Джакомо поразился происшедшей в ней перемене: куда девались холодность и бесстрастие? Щеки девушки пылали, глаза горели, высокая грудь бурно вздымалась. Перед ним была разъяренная львица! Что она сказала? Судя по тону и жестам, невольница грозится убить его или себя, если он приблизится.
— Не бойся, я не хочу причинить тебе зла, — миролюбиво улыбнулся венецианец, не испытывая, впрочем, особой надежды, что будет правильно понят. Да, как это ни странно, по всей вероятности, ему придется завоевать любовь этой северянки, иначе исход событий просто непредсказуем. Поэтому о насилии не может быть и речи: только планомерная осада.

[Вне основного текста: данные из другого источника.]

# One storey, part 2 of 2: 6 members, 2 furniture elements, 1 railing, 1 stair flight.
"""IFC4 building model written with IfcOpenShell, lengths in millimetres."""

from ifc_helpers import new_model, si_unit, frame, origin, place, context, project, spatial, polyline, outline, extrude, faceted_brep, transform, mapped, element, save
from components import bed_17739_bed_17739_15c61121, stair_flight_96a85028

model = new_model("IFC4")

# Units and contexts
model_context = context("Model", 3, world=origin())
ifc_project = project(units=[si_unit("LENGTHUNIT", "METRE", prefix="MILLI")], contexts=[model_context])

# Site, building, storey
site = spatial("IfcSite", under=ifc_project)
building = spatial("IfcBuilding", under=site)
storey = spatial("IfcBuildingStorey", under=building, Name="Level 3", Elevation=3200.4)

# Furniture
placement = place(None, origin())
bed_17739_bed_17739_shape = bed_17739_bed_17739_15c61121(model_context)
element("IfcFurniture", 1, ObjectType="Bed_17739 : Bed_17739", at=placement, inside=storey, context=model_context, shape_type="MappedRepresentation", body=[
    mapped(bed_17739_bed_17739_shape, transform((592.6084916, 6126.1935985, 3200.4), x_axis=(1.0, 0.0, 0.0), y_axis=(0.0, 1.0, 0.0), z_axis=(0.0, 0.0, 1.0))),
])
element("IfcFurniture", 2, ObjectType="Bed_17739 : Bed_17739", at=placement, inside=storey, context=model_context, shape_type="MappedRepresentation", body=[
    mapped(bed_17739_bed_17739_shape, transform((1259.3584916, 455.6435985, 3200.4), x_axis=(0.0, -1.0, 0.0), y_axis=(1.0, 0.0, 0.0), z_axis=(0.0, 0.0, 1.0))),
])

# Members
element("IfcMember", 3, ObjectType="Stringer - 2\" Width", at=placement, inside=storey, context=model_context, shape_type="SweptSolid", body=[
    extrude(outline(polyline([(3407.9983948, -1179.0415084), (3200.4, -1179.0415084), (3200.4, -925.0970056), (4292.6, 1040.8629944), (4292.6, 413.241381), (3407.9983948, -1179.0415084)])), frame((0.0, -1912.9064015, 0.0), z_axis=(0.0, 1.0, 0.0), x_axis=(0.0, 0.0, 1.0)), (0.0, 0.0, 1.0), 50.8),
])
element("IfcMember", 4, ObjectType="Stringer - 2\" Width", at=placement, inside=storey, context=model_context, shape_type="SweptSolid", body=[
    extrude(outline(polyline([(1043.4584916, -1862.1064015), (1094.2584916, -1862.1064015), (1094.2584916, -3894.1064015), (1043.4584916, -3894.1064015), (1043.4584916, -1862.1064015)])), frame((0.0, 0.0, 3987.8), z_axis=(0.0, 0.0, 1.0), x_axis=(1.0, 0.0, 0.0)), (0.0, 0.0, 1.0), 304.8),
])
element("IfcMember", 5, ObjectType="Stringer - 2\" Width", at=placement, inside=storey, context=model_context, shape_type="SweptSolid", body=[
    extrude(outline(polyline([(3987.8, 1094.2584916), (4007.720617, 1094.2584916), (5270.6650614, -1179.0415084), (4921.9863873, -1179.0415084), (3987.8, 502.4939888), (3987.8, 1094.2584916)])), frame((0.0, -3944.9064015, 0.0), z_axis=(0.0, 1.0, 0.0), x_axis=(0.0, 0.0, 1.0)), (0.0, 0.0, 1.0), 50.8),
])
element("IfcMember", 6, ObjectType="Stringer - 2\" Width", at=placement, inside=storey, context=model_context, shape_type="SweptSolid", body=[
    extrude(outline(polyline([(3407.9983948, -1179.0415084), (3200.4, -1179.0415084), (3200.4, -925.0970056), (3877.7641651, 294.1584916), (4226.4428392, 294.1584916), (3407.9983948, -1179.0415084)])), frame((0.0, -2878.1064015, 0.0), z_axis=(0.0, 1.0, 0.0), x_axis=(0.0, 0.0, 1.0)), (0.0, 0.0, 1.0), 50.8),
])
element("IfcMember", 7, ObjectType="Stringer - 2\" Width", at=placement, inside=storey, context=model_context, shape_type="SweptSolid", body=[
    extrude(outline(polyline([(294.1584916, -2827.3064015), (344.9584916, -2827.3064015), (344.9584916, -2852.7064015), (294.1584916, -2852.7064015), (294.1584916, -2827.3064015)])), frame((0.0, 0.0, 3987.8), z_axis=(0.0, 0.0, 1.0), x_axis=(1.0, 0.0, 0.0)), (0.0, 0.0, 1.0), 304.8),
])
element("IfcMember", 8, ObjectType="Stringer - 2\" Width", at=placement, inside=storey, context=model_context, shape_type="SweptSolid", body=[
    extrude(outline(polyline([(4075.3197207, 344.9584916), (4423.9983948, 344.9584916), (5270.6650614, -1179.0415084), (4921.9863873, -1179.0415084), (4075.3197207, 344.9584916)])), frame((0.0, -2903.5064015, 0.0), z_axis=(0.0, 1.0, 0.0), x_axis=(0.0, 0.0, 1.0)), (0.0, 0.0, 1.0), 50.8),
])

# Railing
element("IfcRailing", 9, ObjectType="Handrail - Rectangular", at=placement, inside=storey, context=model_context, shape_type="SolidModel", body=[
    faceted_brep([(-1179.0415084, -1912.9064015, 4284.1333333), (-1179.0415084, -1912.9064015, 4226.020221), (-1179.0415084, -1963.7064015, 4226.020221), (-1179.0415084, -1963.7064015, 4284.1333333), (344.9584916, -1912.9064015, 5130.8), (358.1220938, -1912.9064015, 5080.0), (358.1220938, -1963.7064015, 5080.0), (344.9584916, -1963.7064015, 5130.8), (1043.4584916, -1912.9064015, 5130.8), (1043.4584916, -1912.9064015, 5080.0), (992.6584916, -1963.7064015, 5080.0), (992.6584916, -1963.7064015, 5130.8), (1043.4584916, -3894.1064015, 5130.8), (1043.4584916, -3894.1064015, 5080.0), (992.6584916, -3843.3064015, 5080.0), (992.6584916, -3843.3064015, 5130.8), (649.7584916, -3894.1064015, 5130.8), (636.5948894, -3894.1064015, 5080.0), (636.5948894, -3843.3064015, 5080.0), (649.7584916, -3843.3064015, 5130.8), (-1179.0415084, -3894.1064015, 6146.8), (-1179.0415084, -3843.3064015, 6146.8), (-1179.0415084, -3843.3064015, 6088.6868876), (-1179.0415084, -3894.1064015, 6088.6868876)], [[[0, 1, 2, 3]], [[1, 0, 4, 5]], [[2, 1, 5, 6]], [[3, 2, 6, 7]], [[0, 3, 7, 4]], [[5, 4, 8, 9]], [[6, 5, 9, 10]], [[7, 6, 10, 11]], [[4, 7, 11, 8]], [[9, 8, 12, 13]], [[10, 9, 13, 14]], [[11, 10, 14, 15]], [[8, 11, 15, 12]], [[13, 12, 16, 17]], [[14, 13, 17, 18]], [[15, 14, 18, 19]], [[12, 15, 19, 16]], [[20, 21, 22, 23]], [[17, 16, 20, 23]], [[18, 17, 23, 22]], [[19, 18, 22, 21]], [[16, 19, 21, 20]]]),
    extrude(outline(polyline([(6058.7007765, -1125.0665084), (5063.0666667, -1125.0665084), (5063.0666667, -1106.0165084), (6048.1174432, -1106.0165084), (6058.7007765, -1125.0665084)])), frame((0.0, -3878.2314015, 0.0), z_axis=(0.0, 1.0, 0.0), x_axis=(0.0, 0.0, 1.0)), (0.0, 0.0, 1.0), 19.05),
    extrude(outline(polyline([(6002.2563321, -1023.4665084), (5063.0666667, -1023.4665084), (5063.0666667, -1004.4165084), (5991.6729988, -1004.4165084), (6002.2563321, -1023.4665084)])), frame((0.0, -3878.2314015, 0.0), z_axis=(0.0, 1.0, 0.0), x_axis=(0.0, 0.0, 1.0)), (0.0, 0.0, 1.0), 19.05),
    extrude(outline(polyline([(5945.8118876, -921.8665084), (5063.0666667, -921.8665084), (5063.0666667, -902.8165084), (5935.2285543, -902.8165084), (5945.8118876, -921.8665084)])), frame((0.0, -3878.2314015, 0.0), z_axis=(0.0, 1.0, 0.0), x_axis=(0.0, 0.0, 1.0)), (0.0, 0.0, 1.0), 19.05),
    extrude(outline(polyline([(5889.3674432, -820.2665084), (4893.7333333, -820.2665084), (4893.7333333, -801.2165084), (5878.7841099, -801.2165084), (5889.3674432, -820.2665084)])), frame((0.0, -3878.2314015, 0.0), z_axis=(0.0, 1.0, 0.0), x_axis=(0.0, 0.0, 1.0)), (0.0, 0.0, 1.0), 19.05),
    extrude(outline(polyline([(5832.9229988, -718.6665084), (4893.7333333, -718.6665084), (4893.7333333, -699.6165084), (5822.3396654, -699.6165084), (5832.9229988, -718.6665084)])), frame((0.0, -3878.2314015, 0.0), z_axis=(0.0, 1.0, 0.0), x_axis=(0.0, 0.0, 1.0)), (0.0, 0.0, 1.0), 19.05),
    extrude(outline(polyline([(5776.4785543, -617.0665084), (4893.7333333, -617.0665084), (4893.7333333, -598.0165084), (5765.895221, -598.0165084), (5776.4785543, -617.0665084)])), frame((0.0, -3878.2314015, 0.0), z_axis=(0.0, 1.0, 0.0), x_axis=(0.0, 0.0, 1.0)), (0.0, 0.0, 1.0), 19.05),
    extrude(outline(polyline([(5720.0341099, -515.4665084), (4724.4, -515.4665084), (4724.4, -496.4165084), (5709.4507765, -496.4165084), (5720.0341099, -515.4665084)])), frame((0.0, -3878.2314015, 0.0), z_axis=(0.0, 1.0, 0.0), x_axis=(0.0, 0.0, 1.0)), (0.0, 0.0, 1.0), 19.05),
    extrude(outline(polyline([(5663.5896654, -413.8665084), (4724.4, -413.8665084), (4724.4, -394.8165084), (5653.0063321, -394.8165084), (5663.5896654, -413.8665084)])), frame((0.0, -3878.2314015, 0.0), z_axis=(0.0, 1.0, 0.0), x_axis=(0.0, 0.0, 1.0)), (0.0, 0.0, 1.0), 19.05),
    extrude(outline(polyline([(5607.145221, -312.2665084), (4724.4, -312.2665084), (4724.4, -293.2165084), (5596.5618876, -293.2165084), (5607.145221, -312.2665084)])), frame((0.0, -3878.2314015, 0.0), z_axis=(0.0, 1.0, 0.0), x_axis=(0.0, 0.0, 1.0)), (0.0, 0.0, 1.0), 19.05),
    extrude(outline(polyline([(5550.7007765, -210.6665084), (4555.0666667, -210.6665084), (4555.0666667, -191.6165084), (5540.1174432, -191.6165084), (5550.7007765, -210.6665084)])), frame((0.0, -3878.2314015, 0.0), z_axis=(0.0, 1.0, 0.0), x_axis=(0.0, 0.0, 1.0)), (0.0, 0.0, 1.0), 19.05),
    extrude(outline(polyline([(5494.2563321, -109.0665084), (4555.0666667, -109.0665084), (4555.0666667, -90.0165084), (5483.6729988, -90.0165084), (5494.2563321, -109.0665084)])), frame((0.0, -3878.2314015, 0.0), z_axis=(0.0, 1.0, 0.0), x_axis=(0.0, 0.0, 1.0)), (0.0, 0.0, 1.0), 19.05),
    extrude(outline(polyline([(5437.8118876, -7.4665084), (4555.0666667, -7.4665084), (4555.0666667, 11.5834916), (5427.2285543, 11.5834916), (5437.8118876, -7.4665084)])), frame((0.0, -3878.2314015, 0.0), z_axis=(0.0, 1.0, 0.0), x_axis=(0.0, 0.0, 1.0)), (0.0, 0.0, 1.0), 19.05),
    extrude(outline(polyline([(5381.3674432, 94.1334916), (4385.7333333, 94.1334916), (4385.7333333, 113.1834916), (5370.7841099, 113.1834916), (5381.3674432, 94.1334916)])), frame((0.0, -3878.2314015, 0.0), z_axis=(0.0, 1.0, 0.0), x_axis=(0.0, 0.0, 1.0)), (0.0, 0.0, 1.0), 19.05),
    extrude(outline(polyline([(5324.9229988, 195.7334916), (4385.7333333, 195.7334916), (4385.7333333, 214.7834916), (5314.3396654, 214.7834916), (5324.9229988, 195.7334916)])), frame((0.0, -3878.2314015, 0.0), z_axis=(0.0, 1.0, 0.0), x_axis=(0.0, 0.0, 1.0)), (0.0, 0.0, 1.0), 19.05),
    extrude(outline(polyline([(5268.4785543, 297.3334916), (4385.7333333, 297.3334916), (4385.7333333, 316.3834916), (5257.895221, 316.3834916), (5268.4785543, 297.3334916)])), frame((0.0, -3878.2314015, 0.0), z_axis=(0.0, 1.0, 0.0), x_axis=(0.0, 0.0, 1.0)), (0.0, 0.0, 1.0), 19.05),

Что ж, пусть так! Здесь она не увидит ни одного мужчины; кроме своего повелителя, и волей-неволей привыкнет к нему. Джакомо, благодаря своей внешности, остроумию и умению обольщать, всегда пользовался успехом у женщин. Конечно, сейчас задача осложняется: не зря говорят, что женщина любит ушами! А как говорить комплименты и ласковые слова, если тебя не понимают? Но остаются взгляды, подарки и многое другое, что можно придумать для завоевания сердца девушки, постоянно пребывающей под одной крышей с тобой. Тем более он будет встречаться с ней, когда захочет, а она не имеет возможности уклониться от этих встреч, как уклоняются от них светские дамы, избегая назойливых кавалеров.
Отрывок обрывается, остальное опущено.